Cell migration of C6 glioma cells upon treatment with CUR, ZpD, CUR-ZpD and CUR-ZpD-G23 NPs. (A) Phase contrast images of migration of C6 glioma cells pretreated with CUR, CUR-ZpD and CUR-ZpD-G23 NPs following scratch assay at t = 0 h (top row) and t = 24 h (bottom row). (B) Quantification of scratch assay results, showing suppressive effects of CUR, CUR-ZpD NPs and CUR-ZpD-G23 NPs on migration of C6 glioma cells. Control (untreated cells) set at 100%. *Significantly different from control; ^# significantly different from CUR at equivalent CUR concentrations (n = 3 in triplicate, p < 0.05).

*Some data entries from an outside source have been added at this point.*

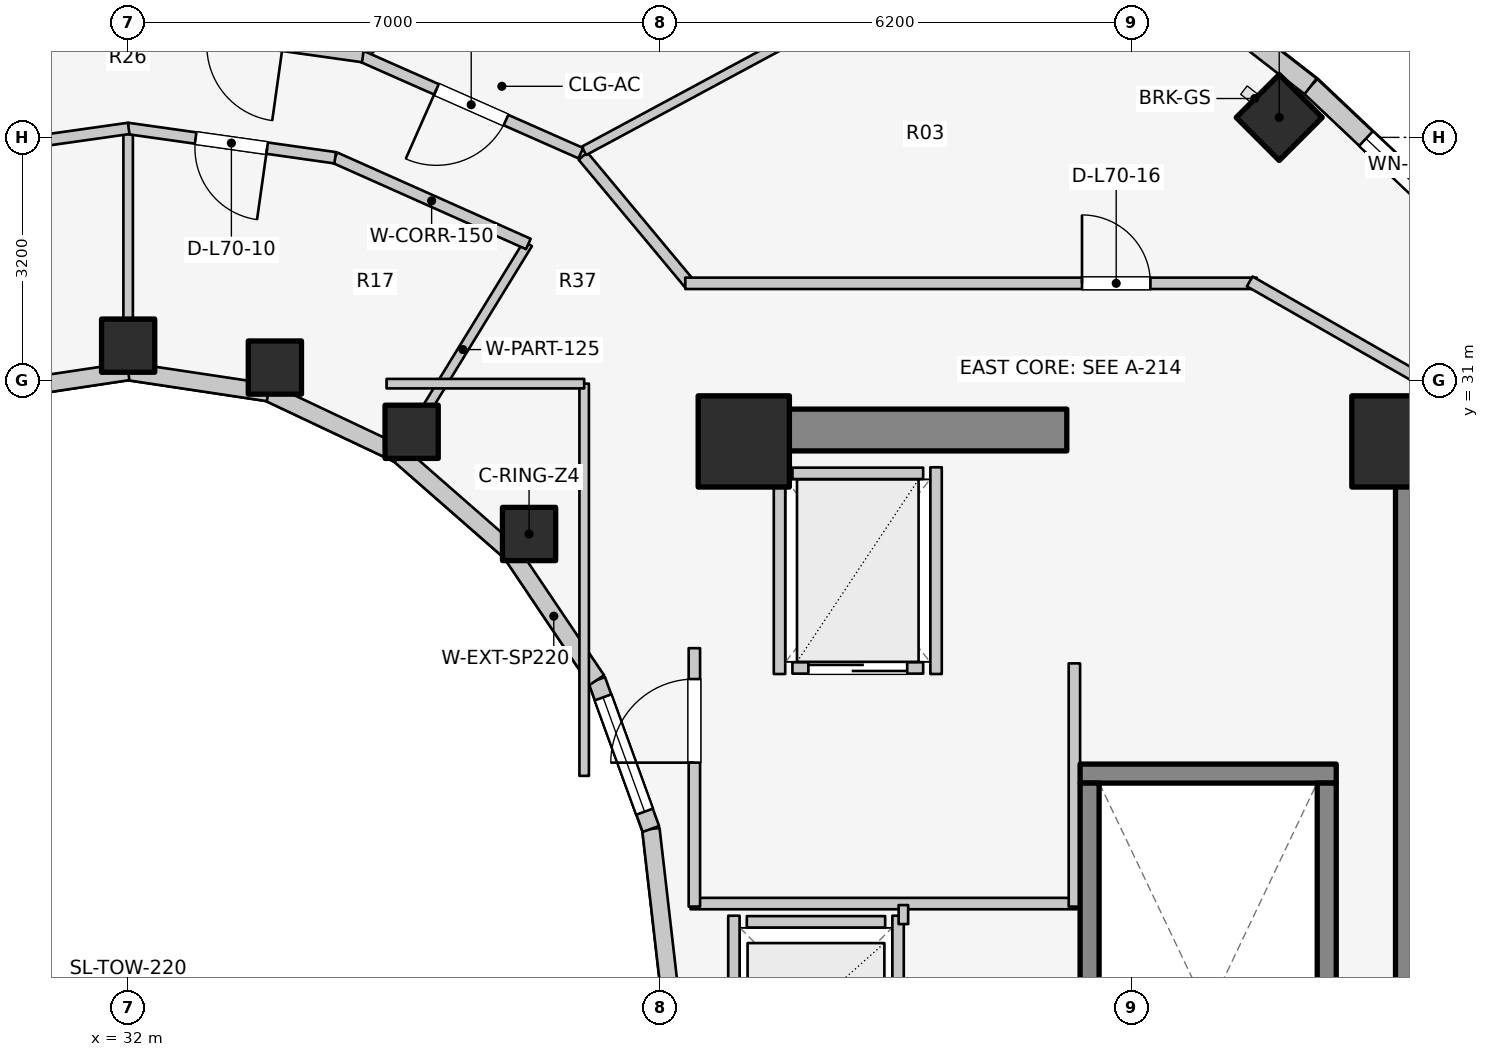
"""IFC4 building model, lengths in metres.
Left out: names, types, materials, properties, quantities, classifications, styles, units other than length and angle.
Written with IfcOpenShell. Run it as: python <this file> out.ifc"""

import sys

from ifc_helpers import new_model, si_unit, direction, frame, frame_2d, origin, origin_2d, place, context, subcontext, project, spatial, rectangle, extrude, element, fill, save


model = new_model("IFC4")
c1 = context("Model", 3, precision=1e-05, world=origin(), true_north=direction((0.0, 1.0)))
c2 = subcontext(c1, "Body", "Model", "MODEL_VIEW")
j1 = project(units=[si_unit("LENGTHUNIT", "METRE"), si_unit("PLANEANGLEUNIT", "RADIAN")], contexts=[c1])
p1 = place(None, origin())
s1 = spatial("IfcSite", under=j1, at=p1, CompositionType="ELEMENT")
p2 = place(p1, origin())
s2 = spatial("IfcBuilding", under=s1, at=p2, CompositionType="ELEMENT")
p3 = place(p2, frame((0.0, 0.0, 229.5)))
s3 = spatial("IfcBuildingStorey", under=s2, at=p3, CompositionType="ELEMENT", Elevation=229.5)
p4 = place(p3, frame((48.95, 17.05, 0.0), z_axis=(0.0, 0.0, 1.0), x_axis=(0.0, 1.0, 0.0)))
e1 = element("IfcWall", 1, at=p4, inside=s3, PredefinedType="SHEAR", context=c2, shape_type="SweptSolid", body=[
    extrude(rectangle(XDim=12.8, YDim=0.55, at=frame_2d((6.4, 0.0))), origin(), (0.0, 0.0, 1.0), 3.1),
])
p5 = place(p3, frame((39.85, 30.35, 0.0), z_axis=(0.0, 0.0, 1.0), x_axis=(1.0, 0.0, 0.0)))
e2 = element("IfcWall", 2, at=p5, inside=s3, PredefinedType="SHEAR", context=c2, shape_type="SweptSolid", body=[
    extrude(rectangle(XDim=4.5, YDim=0.55, at=frame_2d((2.25, 0.0))), origin(), (0.0, 0.0, 1.0), 3.1),
])
p6 = place(p3, frame((44.525, 25.83, 0.0), z_axis=(0.0, 0.0, 1.0), x_axis=(1.0, 0.0, 0.0)))
e3 = element("IfcWall", 3, at=p6, inside=s3, PredefinedType="SOLIDWALL", context=c2, shape_type="SweptSolid", body=[
    extrude(rectangle(XDim=3.37, YDim=0.25, at=frame_2d((1.685, 0.0))), origin(), (0.0, 0.0, 1.0), 3.1),
])
for number, where, z_axis, x_axis in (
    (4, (44.65, 17.895, 0.0), (0.0, 0.0, 1.0), (0.0, 1.0, 0.0)),
    (5, (47.77, 17.895, 0.0), (0.0, 0.0, 1.0), (0.0, 1.0, 0.0)),
):
    element("IfcWall", number, at=place(p3, frame(where, z_axis=z_axis, x_axis=x_axis)), inside=s3, PredefinedType="SOLIDWALL", context=c2, shape_type="SweptSolid", body=[
        extrude(rectangle(XDim=7.81, YDim=0.25, at=frame_2d((3.905, 0.0))), origin(), (0.0, 0.0, 1.0), 3.1),
    ])
for number, where, z_axis, x_axis in (
    (6, (48.7, 30.2, 0.0), (0.0, 0.0, 1.0), (1.0, 0.0, 0.0)),
    (7, (40.1, 30.2, 0.0), (0.0, 0.0, 1.0), (1.0, 0.0, 0.0)),
):
    element("IfcColumn", number, at=place(p3, frame(where, z_axis=z_axis, x_axis=x_axis)), inside=s3, PredefinedType="COLUMN", context=c2, shape_type="SweptSolid", body=[
        extrude(rectangle(XDim=1.2, YDim=1.2, at=origin_2d()), origin(), (0.0, 0.0, 1.0), 3.1),
    ])
p7 = place(p3, frame((37.275, 28.982, 0.0), z_axis=(0.0, 0.0, 1.0), x_axis=(1.0, 0.0, 0.0)))
e8 = element("IfcColumn", 8, at=p7, inside=s3, PredefinedType="COLUMN", context=c2, shape_type="SweptSolid", body=[
    extrude(rectangle(XDim=0.7, YDim=0.7, at=origin_2d()), origin(), (0.0, 0.0, 1.0), 3.1),
])
p8 = place(p3, frame((47.145, 34.462, 0.0), z_axis=(0.0, 0.0, 1.0), x_axis=(0.707106781187, 0.707106781187, 0.0)))
e9 = element("IfcColumn", 9, at=p8, inside=s3, PredefinedType="COLUMN", context=c2, shape_type="SweptSolid", body=[
    extrude(rectangle(XDim=0.8, YDim=0.8, at=origin_2d()), origin(), (0.0, 0.0, 1.0), 3.1),
])
for number, where, z_axis, x_axis in (
    (10, (35.73, 30.327, 0.0), (0.0, 0.0, 1.0), (1.0, 0.0, 0.0)),
    (11, (33.931, 31.172, 0.0), (0.0, 0.0, 1.0), (1.0, 0.0, 0.0)),
    (12, (32.0, 31.46, 0.0), (0.0, 0.0, 1.0), (1.0, 0.0, 0.0)),
):
    element("IfcColumn", number, at=place(p3, frame(where, z_axis=z_axis, x_axis=x_axis)), inside=s3, PredefinedType="COLUMN", context=c2, shape_type="SweptSolid", body=[
        extrude(rectangle(XDim=0.7, YDim=0.7, at=origin_2d()), origin(), (0.0, 0.0, 1.0), 3.1),
    ])
p9 = place(p3, frame((39.12, 23.0, 0.0), z_axis=(0.0, 0.0, 1.0), x_axis=(-0.114711713601, 0.993398823617, 0.0)))
e13 = element("IfcWall", 13, at=p9, inside=s3, PredefinedType="STANDARD", context=c2, shape_type="SweptSolid", body=[
    extrude(rectangle(XDim=2.115, YDim=0.23, at=frame_2d((1.058, 0.0))), origin(), (0.0, 0.0, 1.0), 2.84),
])
p10 = place(p3, frame((38.877, 25.102, 0.0), z_axis=(0.0, 0.0, 1.0), x_axis=(-0.341423187295, 0.93990968033, 0.0)))
e14 = element("IfcWall", 14, at=p10, inside=s3, PredefinedType="STANDARD", context=c2, shape_type="SweptSolid", body=[
    extrude(rectangle(XDim=2.084, YDim=0.23, at=frame_2d((1.042, 0.0))), origin(), (0.0, 0.0, 1.0), 2.84),
])
p11 = place(p10, frame((0.242, 0.0, 0.85)))
e15 = element("IfcOpeningElement", 15, at=p11, cuts=e14, PredefinedType="OPENING", context=c2, shape_type="SweptSolid", body=[
    extrude(rectangle(XDim=1.6, YDim=1.65, at=frame_2d((0.8, 0.825))), frame((0.0, 0.125, 0.0), z_axis=(0.0, -1.0, 0.0), x_axis=(1.0, 0.0, 0.0)), (0.0, 0.0, 1.0), 0.25),
])
p12 = place(p3, frame((38.166, 27.06, 0.0), z_axis=(0.0, 0.0, 1.0), x_axis=(-0.558197800898, 0.829707909492, 0.0)))
e16 = element("IfcWall", 16, at=p12, inside=s3, PredefinedType="STANDARD", context=c2, shape_type="SweptSolid", body=[
    extrude(rectangle(XDim=2.027, YDim=0.23, at=frame_2d((1.013, 0.0))), origin(), (0.0, 0.0, 1.0), 2.16),
])
p13 = place(p3, frame((37.035, 28.742, 0.0), z_axis=(0.0, 0.0, 1.0), x_axis=(-0.752576694707, 0.658504607869, 0.0)))
e17 = element("IfcWall", 17, at=p13, inside=s3, PredefinedType="STANDARD", context=c2, shape_type="SweptSolid", body=[
    extrude(rectangle(XDim=1.959, YDim=0.23, at=frame_2d((0.98, 0.0))), origin(), (0.0, 0.0, 1.0), 2.16),
])
p14 = place(p3, frame((35.56, 30.032, 0.0), z_axis=(0.0, 0.0, 1.0), x_axis=(-0.904179699603, 0.427152280606, 0.0)))
e18 = element("IfcWall", 18, at=p14, inside=s3, PredefinedType="STANDARD", context=c2, shape_type="SweptSolid", body=[
    extrude(rectangle(XDim=1.899, YDim=0.23, at=frame_2d((0.95, 0.0))), origin(), (0.0, 0.0, 1.0), 2.16),
])
for number, where, z_axis, x_axis in (
    (19, (33.843, 30.843, 0.0), (0.0, 0.0, 1.0), (-0.989, 0.149, 0.0)),
    (20, (32.0, 31.12, 0.0), (0.0, 0.0, 1.0), (-0.989, -0.149, 0.0)),
):
    element("IfcWall", number, at=place(p3, frame(where, z_axis=z_axis, x_axis=x_axis)), inside=s3, PredefinedType="STANDARD", context=c2, shape_type="SweptSolid", body=[
        extrude(rectangle(XDim=1.864, YDim=0.23, at=frame_2d((0.932, 0.0))), origin(), (0.0, 0.0, 1.0), 2.16),
    ])
p15 = place(p3, frame((50.761, 31.849, 0.0), z_axis=(0.0, 0.0, 1.0), x_axis=(-0.72731899451, 0.686299555752, 0.0)))
e21 = element("IfcWall", 21, at=p15, inside=s3, PredefinedType="STANDARD", context=c2, shape_type="SweptSolid", body=[
    extrude(rectangle(XDim=4.404, YDim=0.26, at=frame_2d((2.202, 0.0))), origin(), (0.0, 0.0, 1.0), 2.85),
])
p16 = place(p15, frame((1.002, 0.0, 0.75)))
e22 = element("IfcOpeningElement", 22, at=p16, cuts=e21, PredefinedType="OPENING", context=c2, shape_type="SweptSolid", body=[
    extrude(rectangle(XDim=2.4, YDim=1.7, at=frame_2d((1.2, 0.85))), frame((0.0, 0.14, 0.0), z_axis=(0.0, -1.0, 0.0), x_axis=(1.0, 0.0, 0.0)), (0.0, 0.0, 1.0), 0.28),
])
p17 = place(p3, frame((47.558, 34.872, 0.0), z_axis=(0.0, 0.0, 1.0), x_axis=(-0.790126214723, 0.612944177563, 0.0)))
e23 = element("IfcWall", 23, at=p17, inside=s3, PredefinedType="STANDARD", context=c2, shape_type="SweptSolid", body=[
    extrude(rectangle(XDim=4.667, YDim=0.26, at=frame_2d((2.333, 0.0))), origin(), (0.0, 0.0, 1.0), 2.85),
])
p18 = place(p3, frame((40.14, 23.88, 0.0), z_axis=(0.0, 0.0, 1.0), x_axis=(1.0, 0.0, 0.0)))
e24 = element("IfcWall", 24, at=p18, inside=s3, PredefinedType="SOLIDWALL", context=c2, shape_type="SweptSolid", body=[
    extrude(rectangle(XDim=1.82, YDim=0.15, at=frame_2d((0.91, 0.0))), origin(), (0.0, 0.0, 1.0), 2.12),
])
p19 = place(p3, frame((39.97, 21.64, 0.0), z_axis=(0.0, 0.0, 1.0), x_axis=(0.0, 1.0, 0.0)))
e25 = element("IfcWall", 25, at=p19, inside=s3, PredefinedType="SOLIDWALL", context=c2, shape_type="SweptSolid", body=[
    extrude(rectangle(XDim=2.32, YDim=0.15, at=frame_2d((1.16, 0.0))), origin(), (0.0, 0.0, 1.0), 2.12),
])
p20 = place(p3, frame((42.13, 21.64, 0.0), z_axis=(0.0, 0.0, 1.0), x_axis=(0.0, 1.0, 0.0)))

ROS activity and apoptosis in C6 glioma cells after incubation with CUR, CUR-ZpD NPs and CUR-ZpD-G23 NPs (Curcumin = 5 μg ml⁻¹) for 4 h. (A) Fluorescence microscopy images of oxidized H₂DCFDA (DCF), i.e., a measure of ROS activity, in C6 glioma cells following treatment with CUR, CUR-ZpD and CUR-ZpD-G23 NPs. (B) Quantification of mean DCF fluorescence intensity of cells following treatment with CUR, CUR-ZpD and CUR-ZpD-G23 NPs. (C) Apoptosis values in C6 glioma cells as induced by incubation with CUR, CUR-ZpD NPs and CUR-ZpD-G23 NPs for 24 h, obtained by Annexin V-FITC/PI detection by flow cytometry. (D) Representative Annexin-V/PI flow cytometry dot plots. Top right quadrant shows Annexin-V/PI double positive cells. (*Significantly different from control; ^# significantly different from CUR at equivalent CUR concentrations, n = 3 in triplicate, p < 0.05).

Biodistribution of Cy3-labeled ZpD and ZpD-G23 NP formulations in transgenic kdrl:GFP (green) zebrafish larvae. (a) Confocal microscopy stacks of kdrl:GFP (green) injected with Cy3-ZpD-G23, Cy3-ZpD or Cy3-NH2 (magenta), column left and middle represent maximum projections and right column represents sum of squares of four confocal slices. (b) Bar plot of confocal slices quantified by fluorescence intensities of ROI located in the Dorsal Aorta. Statistical analysis using One-way ANOVA and additional unpaired t-test was performed. *p = <0.05, **p = <0.01.